Ich möchte meine Rolläden auch tippen können. Also per Taster nicht nur den Dauerlauf bis Anschlag-Auf oder -Ab ein-/ausschalten, sondern einen Betrieb nur so lange der Taster betätigt ist (<3s bis autom. Dauerlauf). Programmtechnisch und hardwaremäßig habe ich das bereits funktionierend umgesetzt. Auch habe ich einen Taster auf einer Webseite realisiert. Dieser bietet allerdings nur eine Toggle-Funktion, Bspw. für ein Stromstoßrelais o. Ä.
Hat hier jemand eine Idee zur Umsetzung? 

Frage zu HMI Droid:

Hat generell schon Jemand damit gearbeitet, Projekte umgesetzt und würde mir hilfestellung geben? 


Danke und Gruß

Timmee


----------



## GUNSAMS (28 Dezember 2020)

Timmmee schrieb:


> Frage zum LWE:
> 
> Ich möchte meine Rolläden auch tippen können. Also per Taster nicht nur den Dauerlauf bis Anschlag-Auf oder -Ab ein-/ausschalten, sondern einen Betrieb nur so lange der Taster betätigt ist (<3s bis autom. Dauerlauf). Programmtechnisch und hardwaremäßig habe ich das bereits funktionierend umgesetzt. Auch habe ich einen Taster auf einer Webseite realisiert. Dieser bietet allerdings nur eine Toggle-Funktion, Bspw. für ein Stromstoßrelais o. Ä.

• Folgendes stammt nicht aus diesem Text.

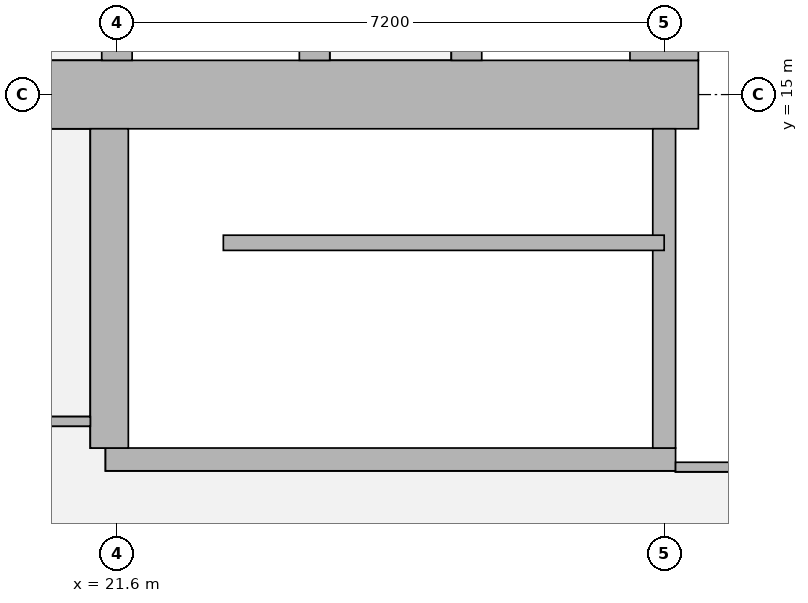
"""IFC4 building model, lengths in metres.
Left out: names, types, materials, properties, quantities, classifications, styles, units other than length and angle.
Written with IfcOpenShell. Run it as: python <this file> out.ifc"""

import sys

from ifc_helpers import new_model, si_unit, direction, frame, frame_2d, origin, place, context, subcontext, project, spatial, rectangle, extrude, element, fill, save


model = new_model("IFC4")
c1 = context("Model", 3, precision=1e-05, world=origin(), true_north=direction((0.0, 1.0)))
c2 = subcontext(c1, "Body", "Model", "MODEL_VIEW")
j1 = project(units=[si_unit("LENGTHUNIT", "METRE"), si_unit("PLANEANGLEUNIT", "RADIAN")], contexts=[c1])
p1 = place(None, origin())
s1 = spatial("IfcSite", under=j1, at=p1, CompositionType="ELEMENT")
p2 = place(p1, origin())
s2 = spatial("IfcBuilding", under=s1, at=p2, CompositionType="ELEMENT")
p3 = place(p2, frame((0.0, 0.0, 234.95)))
s3 = spatial("IfcBuildingStorey", under=s2, at=p3, CompositionType="ELEMENT", Elevation=234.95)
p4 = place(p3, frame((13.95, 15.0, 0.0), z_axis=(0.0, 0.0, 1.0), x_axis=(1.0, 0.0, 0.0)))
e1 = element("IfcWall", 1, at=p4, inside=s3, PredefinedType="SHEAR", context=c2, shape_type="SweptSolid", body=[
    extrude(rectangle(XDim=15.3, YDim=0.9, at=frame_2d((7.65, 0.0))), origin(), (0.0, 0.0, 1.0), 3.75),
])
p5 = place(p4, frame((4.45, 0.0, 0.0)))
e2 = element("IfcOpeningElement", 2, at=p5, cuts=e1, PredefinedType="OPENING", context=c2, shape_type="SweptSolid", body=[
    extrude(rectangle(XDim=1.8, YDim=2.1, at=frame_2d((0.9, 1.05))), frame((0.0, 0.46, 0.0), z_axis=(0.0, -1.0, 0.0), x_axis=(1.0, 0.0, 0.0)), (0.0, 0.0, 1.0), 0.92),
])
p6 = place(p4, frame((10.7, 0.0, 0.0)))
e3 = element("IfcOpeningElement", 3, at=p6, cuts=e1, PredefinedType="OPENING", context=c2, shape_type="SweptSolid", body=[
    extrude(rectangle(XDim=1.1, YDim=2.1, at=frame_2d((0.55, 1.05))), frame((0.0, 0.46, 0.0), z_axis=(0.0, -1.0, 0.0), x_axis=(1.0, 0.0, 0.0)), (0.0, 0.0, 1.0), 0.92),
])
p7 = place(p3, frame((28.8, 15.45, 0.0), z_axis=(0.0, 0.0, 1.0), x_axis=(0.0, 1.0, 0.0)))
e4 = element("IfcWall", 4, at=p7, inside=s3, PredefinedType="SHEAR", context=c2, shape_type="SweptSolid", body=[
    extrude(rectangle(XDim=14.1, YDim=0.9, at=frame_2d((7.05, 0.0))), origin(), (0.0, 0.0, 1.0), 3.75),
])
p8 = place(p3, frame((21.6, 15.45, 0.0), z_axis=(0.0, 0.0, 1.0), x_axis=(0.0, 1.0, 0.0)))
e5 = element("IfcWall", 5, at=p8, inside=s3, PredefinedType="SHEAR", context=c2, shape_type="SweptSolid", body=[
    extrude(rectangle(XDim=14.1, YDim=0.4, at=frame_2d((7.05, 0.0))), origin(), (0.0, 0.0, 1.0), 3.75),
])
p9 = place(p8, frame((0.875, 0.0, 0.0)))
e6 = element("IfcOpeningElement", 6, at=p9, cuts=e5, PredefinedType="OPENING", context=c2, shape_type="SweptSolid", body=[
    extrude(rectangle(XDim=1.1, YDim=2.1, at=frame_2d((0.55, 1.05))), frame((0.0, 0.21, 0.0), z_axis=(0.0, -1.0, 0.0), x_axis=(1.0, 0.0, 0.0)), (0.0, 0.0, 1.0), 0.42),
])
p10 = place(p8, frame((4.625, 0.0, 0.0)))
e7 = element("IfcOpeningElement", 7, at=p10, cuts=e5, PredefinedType="OPENING", context=c2, shape_type="SweptSolid", body=[
    extrude(rectangle(XDim=1.1, YDim=2.1, at=frame_2d((0.55, 1.05))), frame((0.0, 0.21, 0.0), z_axis=(0.0, -1.0, 0.0), x_axis=(1.0, 0.0, 0.0)), (0.0, 0.0, 1.0), 0.42),
])
p11 = place(p8, frame((8.375, 0.0, 0.0)))
e8 = element("IfcOpeningElement", 8, at=p11, cuts=e5, PredefinedType="OPENING", context=c2, shape_type="SweptSolid", body=[
    extrude(rectangle(XDim=1.1, YDim=2.1, at=frame_2d((0.55, 1.05))), frame((0.0, 0.21, 0.0), z_axis=(0.0, -1.0, 0.0), x_axis=(1.0, 0.0, 0.0)), (0.0, 0.0, 1.0), 0.42),
])
p12 = place(p8, frame((12.125, 0.0, 0.0)))
e9 = element("IfcOpeningElement", 9, at=p12, cuts=e5, PredefinedType="OPENING", context=c2, shape_type="SweptSolid", body=[
    extrude(rectangle(XDim=1.1, YDim=2.1, at=frame_2d((0.55, 1.05))), frame((0.0, 0.21, 0.0), z_axis=(0.0, -1.0, 0.0), x_axis=(1.0, 0.0, 0.0)), (0.0, 0.0, 1.0), 0.42),
])
p13 = place(p3, frame((24.2, 15.45, 0.0), z_axis=(0.0, 0.0, 1.0), x_axis=(0.0, 1.0, 0.0)))
e10 = element("IfcWall", 10, at=p13, inside=s3, PredefinedType="SHEAR", context=c2, shape_type="SweptSolid", body=[
    extrude(rectangle(XDim=14.1, YDim=0.4, at=frame_2d((7.05, 0.0))), origin(), (0.0, 0.0, 1.0), 3.75),
])
p14 = place(p3, frame((26.2, 15.45, 0.0), z_axis=(0.0, 0.0, 1.0), x_axis=(0.0, 1.0, 0.0)))
e11 = element("IfcWall", 11, at=p14, inside=s3, PredefinedType="SHEAR", context=c2, shape_type="SweptSolid", body=[
    extrude(rectangle(XDim=3.1, YDim=0.4, at=frame_2d((1.55, 0.0))), origin(), (0.0, 0.0, 1.0), 3.75),
])
p15 = place(p14, frame((0.825, 0.0, 0.0)))
e12 = element("IfcOpeningElement", 12, at=p15, cuts=e11, PredefinedType="OPENING", context=c2, shape_type="SweptSolid", body=[
    extrude(rectangle(XDim=1.2, YDim=2.1, at=frame_2d((0.6, 1.05))), frame((0.0, 0.21, 0.0), z_axis=(0.0, -1.0, 0.0), x_axis=(1.0, 0.0, 0.0)), (0.0, 0.0, 1.0), 0.42),
])
p16 = place(p3, frame((21.45, 10.2, 0.0), z_axis=(0.0, 0.0, 1.0), x_axis=(1.0, 0.0, 0.0)))
e13 = element("IfcWall", 13, at=p16, inside=s3, PredefinedType="SHEAR", context=c2, shape_type="SweptSolid", body=[
    extrude(rectangle(XDim=7.5, YDim=0.3, at=frame_2d((3.75, 0.0))), origin(), (0.0, 0.0, 1.0), 3.75),
])
p17 = place(p16, frame((0.5, 0.0, 0.0)))
e14 = element("IfcOpeningElement", 14, at=p17, cuts=e13, PredefinedType="OPENING", context=c2, shape_type="SweptSolid", body=[
    extrude(rectangle(XDim=1.1, YDim=2.1, at=frame_2d((0.55, 1.05))), frame((0.0, 0.16, 0.0), z_axis=(0.0, -1.0, 0.0), x_axis=(1.0, 0.0, 0.0)), (0.0, 0.0, 1.0), 0.32),
])
p18 = place(p3, frame((21.5, 10.35, 0.0), z_axis=(0.0, 0.0, 1.0), x_axis=(0.0, 1.0, 0.0)))
e15 = element("IfcWall", 15, at=p18, inside=s3, PredefinedType="SHEAR", context=c2, shape_type="SweptSolid", body=[
    extrude(rectangle(XDim=4.2, YDim=0.5, at=frame_2d((2.1, 0.0))), origin(), (0.0, 0.0, 1.0), 3.75),
])
p19 = place(p3, frame((28.8, 10.35, 0.0), z_axis=(0.0, 0.0, 1.0), x_axis=(0.0, 1.0, 0.0)))
e16 = element("IfcWall", 16, at=p19, inside=s3, PredefinedType="SHEAR", context=c2, shape_type="SweptSolid", body=[
    extrude(rectangle(XDim=4.2, YDim=0.3, at=frame_2d((2.1, 0.0))), origin(), (0.0, 0.0, 1.0), 3.75),
])
p20 = place(p3, frame((13.75, 10.7, 0.0), z_axis=(0.0, 0.0, 1.0), x_axis=(1.0, 0.0, 0.0)))
e17 = element("IfcWall", 17, at=p20, inside=s3, PredefinedType="PARTITIONING", context=c2, shape_type="SweptSolid", body=[
    extrude(rectangle(XDim=7.5, YDim=0.125, at=frame_2d((3.75, 0.0))), origin(), (0.0, 0.0, 1.0), 3.5),
])
p21 = place(p20, frame((4.245, 0.0, 0.0)))
e18 = element("IfcOpeningElement", 18, at=p21, cuts=e17, PredefinedType="OPENING", context=c2, shape_type="SweptSolid", body=[
    extrude(rectangle(XDim=1.8, YDim=2.1, at=frame_2d((0.9, 1.05))), frame((0.0, 0.073, 0.0), z_axis=(0.0, -1.0, 0.0), x_axis=(1.0, 0.0, 0.0)), (0.0, 0.0, 1.0), 0.145),
])
p22 = place(p3, frame((28.95, 10.1, 0.0), z_axis=(0.0, 0.0, 1.0), x_axis=(1.0, 0.0, 0.0)))
e19 = element("IfcWall", 19, at=p22, inside=s3, PredefinedType="PARTITIONING", context=c2, shape_type="SweptSolid", body=[
    extrude(rectangle(XDim=9.188, YDim=0.125, at=frame_2d((4.594, 0.0))), origin(), (0.0, 0.0, 1.0), 3.5),
])
p23 = place(p3, frame((23.0, 13.05, 0.0), z_axis=(0.0, 0.0, 1.0), x_axis=(1.0, 0.0, 0.0)))
e20 = element("IfcWall", 20, at=p23, inside=s3, PredefinedType="SHEAR", context=c2, shape_type="SweptSolid", body=[
    extrude(rectangle(XDim=5.8, YDim=0.2, at=frame_2d((2.9, 0.0))), origin(), (0.0, 0.0, 1.0), 3.75),
])
p24 = place(p6, origin())
e21 = element("IfcDoor", 21, at=p24, inside=s3, OperationType="SINGLE_SWING_LEFT", PredefinedType="DOOR", context=c2, shape_type="SweptSolid", body=[
    extrude(rectangle(XDim=1.1, YDim=2.1, at=frame_2d((0.55, 1.05))), frame((0.0, 0.025, 0.0), z_axis=(0.0, -1.0, 0.0), x_axis=(1.0, 0.0, 0.0)), (0.0, 0.0, 1.0), 0.05),
])
fill(e3, e21)
p25 = place(p17, origin())
e22 = element("IfcDoor", 22, at=p25, inside=s3, OperationType="SINGLE_SWING_LEFT", PredefinedType="DOOR", context=c2, shape_type="SweptSolid", body=[
    extrude(rectangle(XDim=1.1, YDim=2.1, at=frame_2d((0.55, 1.05))), frame((0.0, 0.025, 0.0), z_axis=(0.0, -1.0, 0.0), x_axis=(1.0, 0.0, 0.0)), (0.0, 0.0, 1.0), 0.05),
])
fill(e14, e22)
save(model, sys.argv[1])
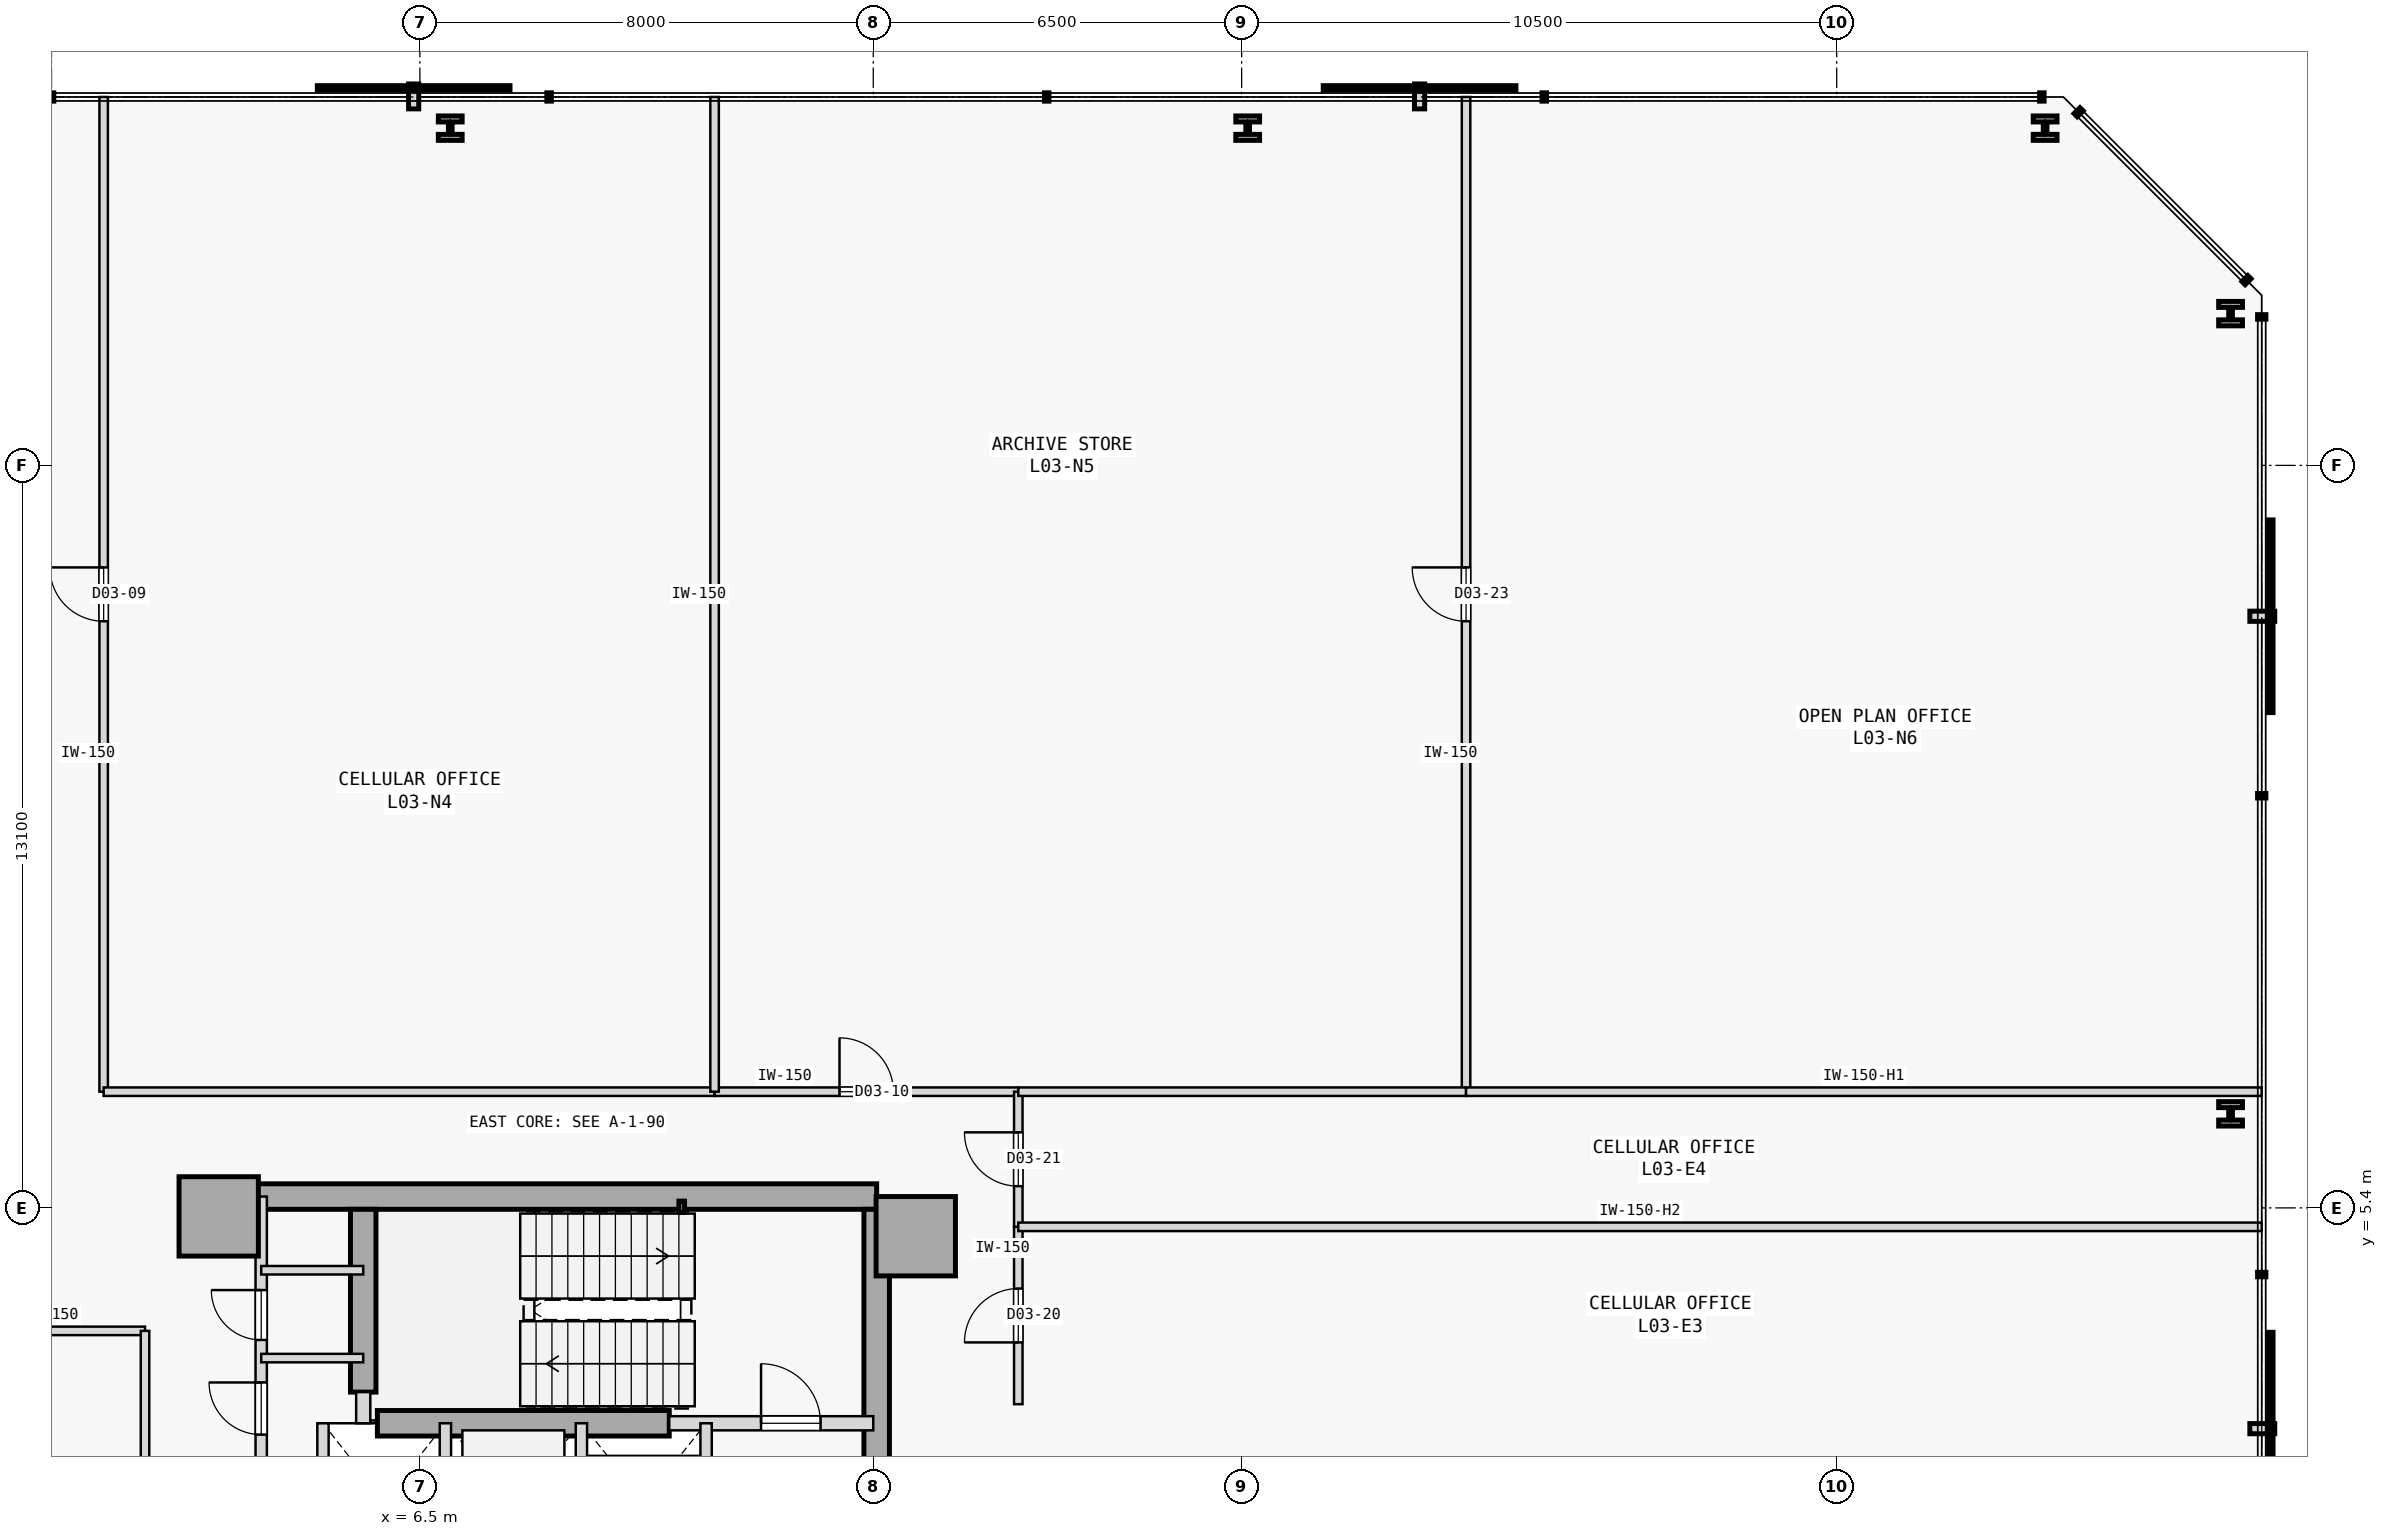
"""IFC4 building model, lengths in metres.
Left out: names, types, materials, properties, quantities, classifications, styles, units other than length and angle.
Written with IfcOpenShell. Run it as: python <this file> out.ifc"""

import sys

from ifc_helpers import new_model, si_unit, direction, frame, frame_2d, origin, origin_2d, place, context, subcontext, project, spatial, rectangle, hollow_rectangle, i_section, extrude, element, fill, save


model = new_model("IFC4")
c1 = context("Model", 3, precision=1e-05, world=origin(), true_north=direction((0.0, 1.0)))
c2 = subcontext(c1, "Body", "Model", "MODEL_VIEW")
j1 = project(units=[si_unit("LENGTHUNIT", "METRE"), si_unit("PLANEANGLEUNIT", "RADIAN")], contexts=[c1])
p1 = place(None, origin())
s1 = spatial("IfcSite", under=j1, at=p1, CompositionType="ELEMENT")
p2 = place(p1, origin())
s2 = spatial("IfcBuilding", under=s1, at=p2, CompositionType="ELEMENT")
p3 = place(p2, frame((0.0, 0.0, 18.0)))
s3 = spatial("IfcBuildingStorey", under=s2, at=p3, CompositionType="ELEMENT", Elevation=18.0)
for number, where, z_axis, x_axis in (
    (1, (15.25, 4.9, 0.0), (0.0, 0.0, 1.0), (1.0, 0.0, 0.0)),
    (2, (2.95, 5.25, 0.0), (0.0, 0.0, 1.0), (1.0, 0.0, 0.0)),
):
    element("IfcColumn", number, at=place(p3, frame(where, z_axis=z_axis, x_axis=x_axis)), inside=s3, PredefinedType="COLUMN", context=c2, shape_type="SweptSolid", body=[
        extrude(rectangle(XDim=1.4, YDim=1.4, at=origin_2d()), origin(), (0.0, 0.0, 1.0), 3.8),
    ])
p4 = place(p3, frame((3.15, 5.6, 0.0), z_axis=(0.0, 0.0, 1.0), x_axis=(1.0, 0.0, 0.0)))
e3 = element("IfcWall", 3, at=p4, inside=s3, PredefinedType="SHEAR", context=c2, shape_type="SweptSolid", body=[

Dann solltest du dir die aktuelle Web Editor Version V1.1.0 herunterladen. Dies ermöglicht jetzt auch neben der "Schalter"-Funktion eine "Taster"-Funktion sowie "Bit bleibt gesetzt solange wie Maustaste gedrückt"-Funktion.

Der Download des Web Editors ist Bestandteil eines Logo Software-Upgrades und unterliegt einer Exportbeschränkung, welche eine erweiterte Registrierung erfordert.

_*Download für LOGO! 8.3 Software Upgrade*_


----------



## Timmmee (28 Dezember 2020)

Guten Morgen, 

vielen Dank für den Hinweis. Ich habe bereits ein Supportticket für die Registrierung geöffnet, mir aber den Changelog nicht durchgelesen. Dort steht es ja auch geschrieben .
Leider muss ich mich noch gedulden, bis das Ticket "in ein paar Tagen" bearbeitet wird.


----------



## GUNSAMS (28 Dezember 2020)

Wo sind denn deine Probleme mit HMI Droid?


----------



## Timmmee (28 Dezember 2020)

Ich kann damit ja Ein- und Ausgänge steuern?! Wenn ich das bisher richtig gedeutet habe, greife ich direkt schreibend auf die Speicheradressen der Is, Qs, Ms zu. Das wird zwar der LWE bzw. das Programm im BM auch machen, allerdings hat man eine grafische Oberfläche davor und man ändert ein paar vorgegebene Parameter. Bzw. Eingänge schreiben ist ja normalerweise gänzlich nicht möglich. 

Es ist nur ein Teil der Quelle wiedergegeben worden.